Numerical Simulation Analysis on the Primary Water Cycle Process in Southwest China

Using Princeton University's 1961 to 2010 atmospheric external forcing data and NCAR's CLM4.0 (Community Land Model 4.0), an off-line simulation was conducted of the land surface process in Southwest China. Results show that there are sharp distinctions between the precipitation characteristics in Southwest China's wet and dry seasons. During the monsoon season, total precipitation decreases northeastward from Burma and India, while it decreases westward from the Hubei and Hunan provinces in the non-monsoon season. With respect to the annual mean, only about 16.7% of the precipitation in the Southwest China is directly intercepted by the canopy, and of the remaining proportion reaching the ground, about 60.5% infiltrates the soil, approximately 17.1% flows out in runoff, and a small amount evaporats re-enter into the atmosphere.
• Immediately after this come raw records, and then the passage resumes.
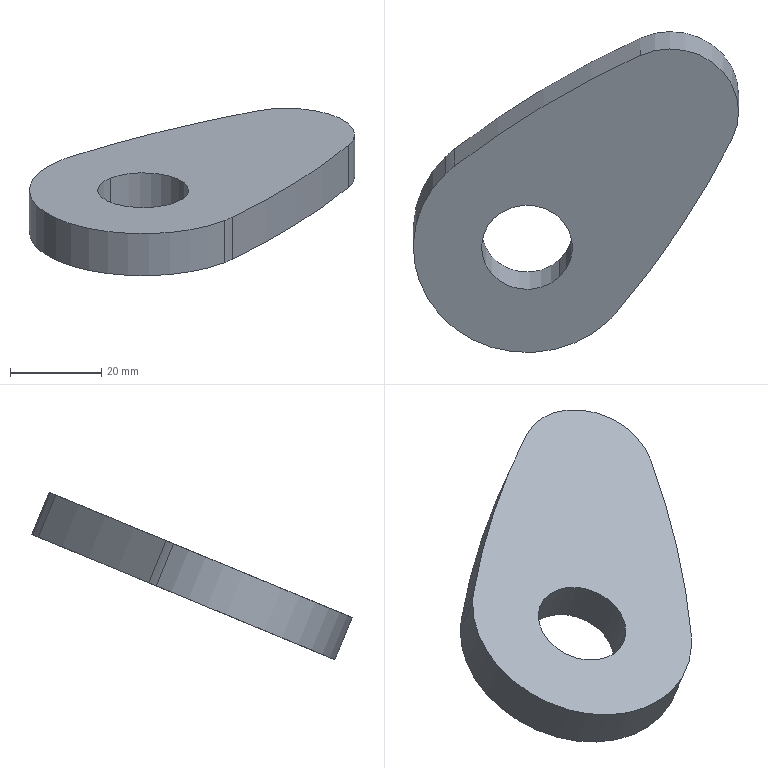Component | SolidWorks | Cam-1 | 1 solid | 10 faces | box 71.5 x 70.49 x 36.79 mm | volume 29441 mm3 | cylinder 8 | plane 2 | commonest cylinder face diameters 50 x3 20 x2 419.344 x2 30 x1
build123d program:
from build123d import *

# Parameters (mm, degrees)
BOSS_EXTRUDE1_DEPTH = 10
SKETCH2_R           = 10
CUT_EXTRUDE1_DEPTH  = 10


with BuildPart() as part:
    # Sketch1 → Boss-Extrude1 (new body)
    with BuildSketch(Plane.XY):
        with BuildLine():
            ThreePointArc((24.858, -2.66), (0, 25), (-24.858, -2.66))
            ThreePointArc((-24.858, -2.66), (-20.877, -26.632), (-14.149, -49.981))
            ThreePointArc((-14.149, -49.981), (0, -60), (14.149, -49.981))
            ThreePointArc((14.149, -49.981), (20.877, -26.632), (24.858, -2.66))
        make_face()
    extrude(amount=BOSS_EXTRUDE1_DEPTH)

    # Sketch2 → Cut-Extrude1 (cut)
    with BuildSketch(Plane.XY.offset(10)):
        Circle(SKETCH2_R)
    extrude(amount=-CUT_EXTRUDE1_DEPTH, mode=Mode.SUBTRACT)


solid = part.part

# Placed as in the assembly
solid = solid.moved(Location((-36.329, -1.596, 21.215), (-157.552, 0, 44.427)))
STEP:
#1=COLOUR_RGB('',0.7922,0.8196,0.9333);
#2=FILL_AREA_STYLE_COLOUR('',#1);
#3=FILL_AREA_STYLE('',(#2));
#4=SURFACE_STYLE_FILL_AREA(#3);
#5=SURFACE_SIDE_STYLE('',(#4));
#6=SURFACE_STYLE_USAGE(.BOTH.,#5);
#7=PRESENTATION_STYLE_ASSIGNMENT((#6));
#8=CARTESIAN_POINT('',(-1.149,-0.1672,0.3661));
#9=VERTEX_POINT('',#8);
#10=CARTESIAN_POINT('',(-1.711,0.3422,0.5766));
#11=VERTEX_POINT('',#10);
#12=CARTESIAN_POINT('',(-1.43,0.08749,0.4714));
#13=DIRECTION('',(-0.,-0.3818,0.9242));
#14=DIRECTION('',(-0.7141,0.647,0.2673));
#15=AXIS2_PLACEMENT_3D('',#12,#13,#14);
#16=CIRCLE('',#15,0.3937);
#17=EDGE_CURVE('',#9,#11,#16,.T.);
#18=ORIENTED_EDGE('',*,*,#17,.F.);
#19=CARTESIAN_POINT('',(-1.149,-0.3176,0.73));
#20=VERTEX_POINT('',#19);
#21=CARTESIAN_POINT('',(-1.149,-0.1672,0.3661));
#22=DIRECTION('',(-0.,-0.3818,0.9242));
#23=VECTOR('',#22,39.37);
#24=LINE('',#21,#23);
#25=EDGE_CURVE('',#9,#20,#24,.T.);
#26=ORIENTED_EDGE('',*,*,#25,.T.);
#27=CARTESIAN_POINT('',(-1.711,0.1919,0.9405));
#28=VERTEX_POINT('',#27);
#29=CARTESIAN_POINT('',(-1.43,-0.06285,0.8352));
#30=DIRECTION('',(-0.,-0.3818,0.9242));
#31=DIRECTION('',(-0.7141,0.647,0.2673));
#32=AXIS2_PLACEMENT_3D('',#29,#30,#31);
#33=CIRCLE('',#32,0.3937);
#34=EDGE_CURVE('',#20,#28,#33,.T.);
#35=ORIENTED_EDGE('',*,*,#34,.T.);
#36=CARTESIAN_POINT('',(-1.711,0.3422,0.5766));
#37=DIRECTION('',(-0.,-0.3818,0.9242));
#38=VECTOR('',#37,39.37);
#39=LINE('',#36,#38);
#40=EDGE_CURVE('',#11,#28,#39,.T.);
#41=ORIENTED_EDGE('',*,*,#40,.F.);
#42=EDGE_LOOP('',(#18,#26,#35,#41));
#43=FACE_OUTER_BOUND('',#42,.T.);
#44=CARTESIAN_POINT('',(-1.43,0.08749,0.4714));
#45=DIRECTION('',(-0.,-0.3818,0.9242));
#46=DIRECTION('',(-0.7141,0.647,0.2673));
#47=AXIS2_PLACEMENT_3D('',#44,#45,#46);
#48=CYLINDRICAL_SURFACE('',#47,0.3937);
#49=ADVANCED_FACE('',(#43),#48,.F.);
#50=CARTESIAN_POINT('',(-2.133,0.5739,1.098));
#51=VERTEX_POINT('',#50);
#52=CARTESIAN_POINT('',(-0.7274,-0.6996,0.5721));
#53=VERTEX_POINT('',#52);
#54=CARTESIAN_POINT('',(-1.43,-0.06285,0.8352));
#55=DIRECTION('',(-0.,-0.3818,0.9242));
#56=DIRECTION('',(-0.7141,0.647,0.2673));
#57=AXIS2_PLACEMENT_3D('',#54,#55,#56);
#58=CIRCLE('',#57,0.9843);
#59=EDGE_CURVE('',#51,#53,#58,.T.);
#60=ORIENTED_EDGE('',*,*,#59,.F.);
#61=CARTESIAN_POINT('',(-2.133,0.7243,0.7344));
#62=VERTEX_POINT('',#61);
#63=CARTESIAN_POINT('',(-2.133,0.5739,1.098));
#64=DIRECTION('',(0.,0.3818,-0.9242));
#65=VECTOR('',#64,39.37);
#66=LINE('',#63,#65);
#67=EDGE_CURVE('',#51,#62,#66,.T.);
#68=ORIENTED_EDGE('',*,*,#67,.T.);
#69=CARTESIAN_POINT('',(-0.7274,-0.5493,0.2083));
#70=VERTEX_POINT('',#69);
#71=CARTESIAN_POINT('',(-1.43,0.08749,0.4714));
#72=DIRECTION('',(-0.,-0.3818,0.9242));
#73=DIRECTION('',(-0.7141,0.647,0.2673));
#74=AXIS2_PLACEMENT_3D('',#71,#72,#73);
#75=CIRCLE('',#74,0.9843);
#76=EDGE_CURVE('',#62,#70,#75,.T.);
#77=ORIENTED_EDGE('',*,*,#76,.T.);
#78=CARTESIAN_POINT('',(-0.7274,-0.6996,0.5721));
#79=DIRECTION('',(0.,0.3818,-0.9242));
#80=VECTOR('',#79,39.37);
#81=LINE('',#78,#80);
#82=EDGE_CURVE('',#53,#70,#81,.T.);
#83=ORIENTED_EDGE('',*,*,#82,.F.);
#84=EDGE_LOOP('',(#60,#68,#77,#83));
#85=FACE_OUTER_BOUND('',#84,.T.);
#86=CARTESIAN_POINT('',(-1.43,-0.06285,0.8352));
#87=DIRECTION('',(0.,0.3818,-0.9242));
#88=DIRECTION('',(0.7141,-0.647,-0.2673));
#89=AXIS2_PLACEMENT_3D('',#86,#87,#88);
#90=CYLINDRICAL_SURFACE('',#89,0.9843);
#91=ADVANCED_FACE('',(#85),#90,.T.);
#92=CARTESIAN_POINT('',(-0.6581,-0.6269,0.6022));
#93=VERTEX_POINT('',#92);
#94=CARTESIAN_POINT('',(-1.43,-0.06285,0.8352));
#95=DIRECTION('',(-0.,-0.3818,0.9242));
#96=DIRECTION('',(-0.7141,0.647,0.2673));
#97=AXIS2_PLACEMENT_3D('',#94,#95,#96);
#98=CIRCLE('',#97,0.9843);
#99=EDGE_CURVE('',#53,#93,#98,.T.);
#100=ORIENTED_EDGE('',*,*,#99,.F.);
#101=ORIENTED_EDGE('',*,*,#82,.T.);
#102=CARTESIAN_POINT('',(-0.6581,-0.4765,0.2383));
#103=VERTEX_POINT('',#102);
#104=CARTESIAN_POINT('',(-1.43,0.08749,0.4714));
#105=DIRECTION('',(-0.,-0.3818,0.9242));
#106=DIRECTION('',(-0.7141,0.647,0.2673));
#107=AXIS2_PLACEMENT_3D('',#104,#105,#106);
#108=CIRCLE('',#107,0.9843);
#109=EDGE_CURVE('',#70,#103,#108,.T.);
#110=ORIENTED_EDGE('',*,*,#109,.T.);
#111=CARTESIAN_POINT('',(-0.6581,-0.6269,0.6022));
#112=DIRECTION('',(0.,0.3818,-0.9242));
#113=VECTOR('',#112,39.37);
#114=LINE('',#111,#113);
#115=EDGE_CURVE('',#93,#103,#114,.T.);
#116=ORIENTED_EDGE('',*,*,#115,.F.);
#117=EDGE_LOOP('',(#100,#101,#110,#116));
#118=FACE_OUTER_BOUND('',#117,.T.);
#119=CARTESIAN_POINT('',(-1.43,-0.06285,0.8352));
#120=DIRECTION('',(0.,0.3818,-0.9242));
#121=DIRECTION('',(0.7141,-0.647,-0.2673));
#122=AXIS2_PLACEMENT_3D('',#119,#120,#121);
#123=CYLINDRICAL_SURFACE('',#122,0.9843);
#124=ADVANCED_FACE('',(#118),#123,.T.);
#125=CARTESIAN_POINT('',(0.345,1.026,0.8591));
#126=VERTEX_POINT('',#125);
#127=CARTESIAN_POINT('',(-7.135,4.254,2.193));
#128=DIRECTION('',(-0.,-0.3818,0.9242));
#129=DIRECTION('',(-0.7141,0.647,0.2673));
#130=AXIS2_PLACEMENT_3D('',#127,#128,#129);
#131=CIRCLE('',#130,8.255);
#132=EDGE_CURVE('',#103,#126,#131,.T.);
#133=ORIENTED_EDGE('',*,*,#132,.T.);
#134=CARTESIAN_POINT('',(0.345,0.8756,1.223));
#135=VERTEX_POINT('',#134);
#136=CARTESIAN_POINT('',(0.345,0.8756,1.223));
#137=DIRECTION('',(0.,0.3818,-0.9242));
#138=VECTOR('',#137,39.37);
#139=LINE('',#136,#138);
#140=EDGE_CURVE('',#135,#126,#139,.T.);
#141=ORIENTED_EDGE('',*,*,#140,.F.);
#142=CARTESIAN_POINT('',(-7.135,4.104,2.557));
#143=DIRECTION('',(-0.,-0.3818,0.9242));
#144=DIRECTION('',(-0.7141,0.647,0.2673));
#145=AXIS2_PLACEMENT_3D('',#142,#143,#144);
#146=CIRCLE('',#145,8.255);
#147=EDGE_CURVE('',#93,#135,#146,.T.);
#148=ORIENTED_EDGE('',*,*,#147,.F.);
#149=ORIENTED_EDGE('',*,*,#115,.T.);
#150=EDGE_LOOP('',(#133,#141,#148,#149));
#151=FACE_OUTER_BOUND('',#150,.T.);
#152=CARTESIAN_POINT('',(-7.135,4.104,2.557));
#153=DIRECTION('',(0.,0.3818,-0.9242));
#154=DIRECTION('',(0.7141,-0.647,-0.2673));
#155=AXIS2_PLACEMENT_3D('',#152,#153,#154);
#156=CYLINDRICAL_SURFACE('',#155,8.255);
#157=ADVANCED_FACE('',(#151),#156,.T.);
#158=CARTESIAN_POINT('',(-0.4506,1.747,1.157));
#159=VERTEX_POINT('',#158);
#160=CARTESIAN_POINT('',(-0.1901,1.257,0.9545));
#161=DIRECTION('',(-0.,-0.3818,0.9242));
#162=DIRECTION('',(-0.7141,0.647,0.2673));
#163=AXIS2_PLACEMENT_3D('',#160,#161,#162);
#164=CIRCLE('',#163,0.5906);
#165=EDGE_CURVE('',#126,#159,#164,.T.);
#166=ORIENTED_EDGE('',*,*,#165,.T.);
#167=CARTESIAN_POINT('',(-0.4506,1.596,1.521));
#168=VERTEX_POINT('',#167);
#169=CARTESIAN_POINT('',(-0.4506,1.596,1.521));
#170=DIRECTION('',(0.,0.3818,-0.9242));
#171=VECTOR('',#170,39.37);
#172=LINE('',#169,#171);
#173=EDGE_CURVE('',#168,#159,#172,.T.);
#174=ORIENTED_EDGE('',*,*,#173,.F.);
#175=CARTESIAN_POINT('',(-0.1901,1.107,1.318));
#176=DIRECTION('',(-0.,-0.3818,0.9242));
#177=DIRECTION('',(-0.7141,0.647,0.2673));
#178=AXIS2_PLACEMENT_3D('',#175,#176,#177);
#179=CIRCLE('',#178,0.5906);
#180=EDGE_CURVE('',#135,#168,#179,.T.);
#181=ORIENTED_EDGE('',*,*,#180,.F.);
#182=ORIENTED_EDGE('',*,*,#140,.T.);
#183=EDGE_LOOP('',(#166,#174,#181,#182));
#184=FACE_OUTER_BOUND('',#183,.T.);
#185=CARTESIAN_POINT('',(-0.1901,1.107,1.318));
#186=DIRECTION('',(0.,0.3818,-0.9242));
#187=DIRECTION('',(0.7141,-0.647,-0.2673));
#188=AXIS2_PLACEMENT_3D('',#185,#186,#187);
#189=CYLINDRICAL_SURFACE('',#188,0.5906);
#190=ADVANCED_FACE('',(#184),#189,.T.);
#191=CARTESIAN_POINT('',(-2.056,0.7898,0.7615));
#192=VERTEX_POINT('',#191);
#193=CARTESIAN_POINT('',(3.191,-5.1,-1.672));
#194=DIRECTION('',(-0.,-0.3818,0.9242));
#195=DIRECTION('',(0.7141,-0.647,-0.2673));
#196=AXIS2_PLACEMENT_3D('',#193,#194,#195);
#197=CIRCLE('',#196,8.255);
#198=EDGE_CURVE('',#159,#192,#197,.T.);
#199=ORIENTED_EDGE('',*,*,#198,.T.);
#200=CARTESIAN_POINT('',(-2.056,0.6394,1.125));
#201=VERTEX_POINT('',#200);
#202=CARTESIAN_POINT('',(-2.056,0.6394,1.125));
#203=DIRECTION('',(0.,0.3818,-0.9242));
#204=VECTOR('',#203,39.37);
#205=LINE('',#202,#204);
#206=EDGE_CURVE('',#201,#192,#205,.T.);
#207=ORIENTED_EDGE('',*,*,#206,.F.);
#208=CARTESIAN_POINT('',(3.191,-5.25,-1.308));
#209=DIRECTION('',(-0.,-0.3818,0.9242));
#210=DIRECTION('',(0.7141,-0.647,-0.2673));
#211=AXIS2_PLACEMENT_3D('',#208,#209,#210);
#212=CIRCLE('',#211,8.255);
#213=EDGE_CURVE('',#168,#201,#212,.T.);
#214=ORIENTED_EDGE('',*,*,#213,.F.);
#215=ORIENTED_EDGE('',*,*,#173,.T.);
#216=EDGE_LOOP('',(#199,#207,#214,#215));
#217=FACE_OUTER_BOUND('',#216,.T.);
#218=CARTESIAN_POINT('',(3.191,-5.25,-1.308));
#219=DIRECTION('',(0.,0.3818,-0.9242));
#220=DIRECTION('',(0.7141,-0.647,-0.2673));
#221=AXIS2_PLACEMENT_3D('',#218,#219,#220);
#222=CYLINDRICAL_SURFACE('',#221,8.255);
#223=ADVANCED_FACE('',(#217),#222,.T.);
#224=ORIENTED_EDGE('',*,*,#67,.F.);
#225=CARTESIAN_POINT('',(-1.43,-0.06285,0.8352));
#226=DIRECTION('',(-0.,-0.3818,0.9242));
#227=DIRECTION('',(-0.7141,0.647,0.2673));
#228=AXIS2_PLACEMENT_3D('',#225,#226,#227);
#229=CIRCLE('',#228,0.9843);
#230=EDGE_CURVE('',#201,#51,#229,.T.);
#231=ORIENTED_EDGE('',*,*,#230,.F.);
#232=ORIENTED_EDGE('',*,*,#206,.T.);
#233=CARTESIAN_POINT('',(-1.43,0.08749,0.4714));
#234=DIRECTION('',(-0.,-0.3818,0.9242));
#235=DIRECTION('',(-0.7141,0.647,0.2673));
#236=AXIS2_PLACEMENT_3D('',#233,#234,#235);
#237=CIRCLE('',#236,0.9843);
#238=EDGE_CURVE('',#192,#62,#237,.T.);
#239=ORIENTED_EDGE('',*,*,#238,.T.);
#240=EDGE_LOOP('',(#224,#231,#232,#239));
#241=FACE_OUTER_BOUND('',#240,.T.);
#242=CARTESIAN_POINT('',(-1.43,-0.06285,0.8352));
#243=DIRECTION('',(0.,0.3818,-0.9242));
#244=DIRECTION('',(0.7141,-0.647,-0.2673));
#245=AXIS2_PLACEMENT_3D('',#242,#243,#244);
#246=CYLINDRICAL_SURFACE('',#245,0.9843);
#247=ADVANCED_FACE('',(#241),#246,.T.);
#248=CARTESIAN_POINT('',(-1.43,-0.06285,0.8352));
#249=DIRECTION('',(-0.,-0.3818,0.9242));
#250=DIRECTION('',(-0.7141,0.647,0.2673));
#251=AXIS2_PLACEMENT_3D('',#248,#249,#250);
#252=CIRCLE('',#251,0.3937);
#253=EDGE_CURVE('',#28,#20,#252,.T.);
#254=ORIENTED_EDGE('',*,*,#253,.F.);
#255=ORIENTED_EDGE('',*,*,#34,.F.);
#256=EDGE_LOOP('',(#254,#255));
#257=FACE_BOUND('',#256,.T.);
#258=ORIENTED_EDGE('',*,*,#147,.T.);
#259=ORIENTED_EDGE('',*,*,#180,.T.);
#260=ORIENTED_EDGE('',*,*,#213,.T.);
#261=ORIENTED_EDGE('',*,*,#230,.T.);
#262=ORIENTED_EDGE('',*,*,#59,.T.);
#263=ORIENTED_EDGE('',*,*,#99,.T.);
#264=EDGE_LOOP('',(#258,#259,#260,#261,#262,#263));
#265=FACE_OUTER_BOUND('',#264,.T.);
#266=CARTESIAN_POINT('',(-3.662,2.605,1.937));
#267=DIRECTION('',(-0.,-0.3818,0.9242));
#268=DIRECTION('',(-0.7141,0.647,0.2673));
#269=AXIS2_PLACEMENT_3D('',#266,#267,#268);
#270=PLANE('',#269);
#271=ADVANCED_FACE('',(#257,#265),#270,.T.);
#272=CARTESIAN_POINT('',(-1.43,0.08749,0.4714));
#273=DIRECTION('',(-0.,-0.3818,0.9242));
#274=DIRECTION('',(-0.7141,0.647,0.2673));
#275=AXIS2_PLACEMENT_3D('',#272,#273,#274);
#276=CIRCLE('',#275,0.3937);
#277=EDGE_CURVE('',#11,#9,#276,.T.);
#278=ORIENTED_EDGE('',*,*,#277,.T.);
#279=ORIENTED_EDGE('',*,*,#17,.T.);
#280=EDGE_LOOP('',(#278,#279));
#281=FACE_BOUND('',#280,.T.);
#282=ORIENTED_EDGE('',*,*,#132,.F.);
#283=ORIENTED_EDGE('',*,*,#109,.F.);
#284=ORIENTED_EDGE('',*,*,#76,.F.);
#285=ORIENTED_EDGE('',*,*,#238,.F.);
#286=ORIENTED_EDGE('',*,*,#198,.F.);
#287=ORIENTED_EDGE('',*,*,#165,.F.);
#288=EDGE_LOOP('',(#282,#283,#284,#285,#286,#287));
#289=FACE_OUTER_BOUND('',#288,.T.);
#290=CARTESIAN_POINT('',(-3.662,2.755,1.574));
#291=DIRECTION('',(-0.,-0.3818,0.9242));
#292=DIRECTION('',(-0.7141,0.647,0.2673));
#293=AXIS2_PLACEMENT_3D('',#290,#291,#292);
#294=PLANE('',#293);
#295=ADVANCED_FACE('',(#281,#289),#294,.F.);
#296=ORIENTED_EDGE('',*,*,#25,.F.);
#297=ORIENTED_EDGE('',*,*,#277,.F.);
#298=ORIENTED_EDGE('',*,*,#40,.T.);
#299=ORIENTED_EDGE('',*,*,#253,.T.);
#300=EDGE_LOOP('',(#296,#297,#298,#299));
#301=FACE_OUTER_BOUND('',#300,.T.);
#302=CARTESIAN_POINT('',(-1.43,0.08749,0.4714));
#303=DIRECTION('',(-0.,-0.3818,0.9242));
#304=DIRECTION('',(-0.7141,0.647,0.2673));
#305=AXIS2_PLACEMENT_3D('',#302,#303,#304);
#306=CYLINDRICAL_SURFACE('',#305,0.3937);
#307=ADVANCED_FACE('',(#301),#306,.F.);
#308=CLOSED_SHELL('',(#49,#91,#124,#157,#190,#223,#247,#271,#295,#307));
#309=MANIFOLD_SOLID_BREP('',#308);
#310=STYLED_ITEM('',(#7),#309);
#311=PRESENTATION_LAYER_ASSIGNMENT('','',(#310));
#312=(LENGTH_UNIT()NAMED_UNIT(*)SI_UNIT($,.METRE.));
#313=LENGTH_MEASURE_WITH_UNIT(LENGTH_MEASURE(0.0254),#312);
#314=DIMENSIONAL_EXPONENTS(1.,0.,0.,0.,0.,0.,0.);
#315=(CONVERSION_BASED_UNIT('',#313)LENGTH_UNIT()NAMED_UNIT(#314));
#316=UNCERTAINTY_MEASURE_WITH_UNIT(LENGTH_MEASURE(0.00001),#315,'','');
#317=(NAMED_UNIT(*)PLANE_ANGLE_UNIT()SI_UNIT($,.RADIAN.));
#318=(NAMED_UNIT(*)SI_UNIT($,.STERADIAN.)SOLID_ANGLE_UNIT());
#319=(GEOMETRIC_REPRESENTATION_CONTEXT(3)GLOBAL_UNCERTAINTY_ASSIGNED_CONTEXT((#316))GLOBAL_UNIT_ASSIGNED_CONTEXT((#315,#317,#318))REPRESENTATION_CONTEXT('',''));
#320=MECHANICAL_DESIGN_GEOMETRIC_PRESENTATION_REPRESENTATION('',(#310),#319);
#321=CARTESIAN_POINT('',(0.,0.,0.));
#322=DIRECTION('',(0.,0.,1.));
#323=DIRECTION('',(1.,0.,0.));
#324=AXIS2_PLACEMENT_3D('',#321,#322,#323);
#325=(LENGTH_UNIT()NAMED_UNIT(*)SI_UNIT($,.METRE.));
#326=LENGTH_MEASURE_WITH_UNIT(LENGTH_MEASURE(0.0254),#325);
#327=DIMENSIONAL_EXPONENTS(1.,0.,0.,0.,0.,0.,0.);
#328=(CONVERSION_BASED_UNIT('',#326)LENGTH_UNIT()NAMED_UNIT(#327));
#329=UNCERTAINTY_MEASURE_WITH_UNIT(LENGTH_MEASURE(0.00001),#328,'','');
#330=(NAMED_UNIT(*)PLANE_ANGLE_UNIT()SI_UNIT($,.RADIAN.));
#331=(NAMED_UNIT(*)SI_UNIT($,.STERADIAN.)SOLID_ANGLE_UNIT());
#332=(GEOMETRIC_REPRESENTATION_CONTEXT(3)GLOBAL_UNCERTAINTY_ASSIGNED_CONTEXT((#329))GLOBAL_UNIT_ASSIGNED_CONTEXT((#328,#330,#331))REPRESENTATION_CONTEXT('',''));
#333=ADVANCED_BREP_SHAPE_REPRESENTATION('',(#309,#324),#332);

The distributions of the primary hydrological processes are similar to that of precipitation. Canopy interception, surface runoff, and canopy evaporation rarely varies during monsoon and non-monsoon seasons. However, underground drainage and surface evaporation are both significantly greater in the non-monsoon season than during the monsoon season, while infiltration shows just the opposite. In the non-monsoon season, smaller levels of infiltration, higher evaporation rates, and higher underground drainage together result in significant loss of land water in Southwest China, and may play an important role in causing the region's spring drought.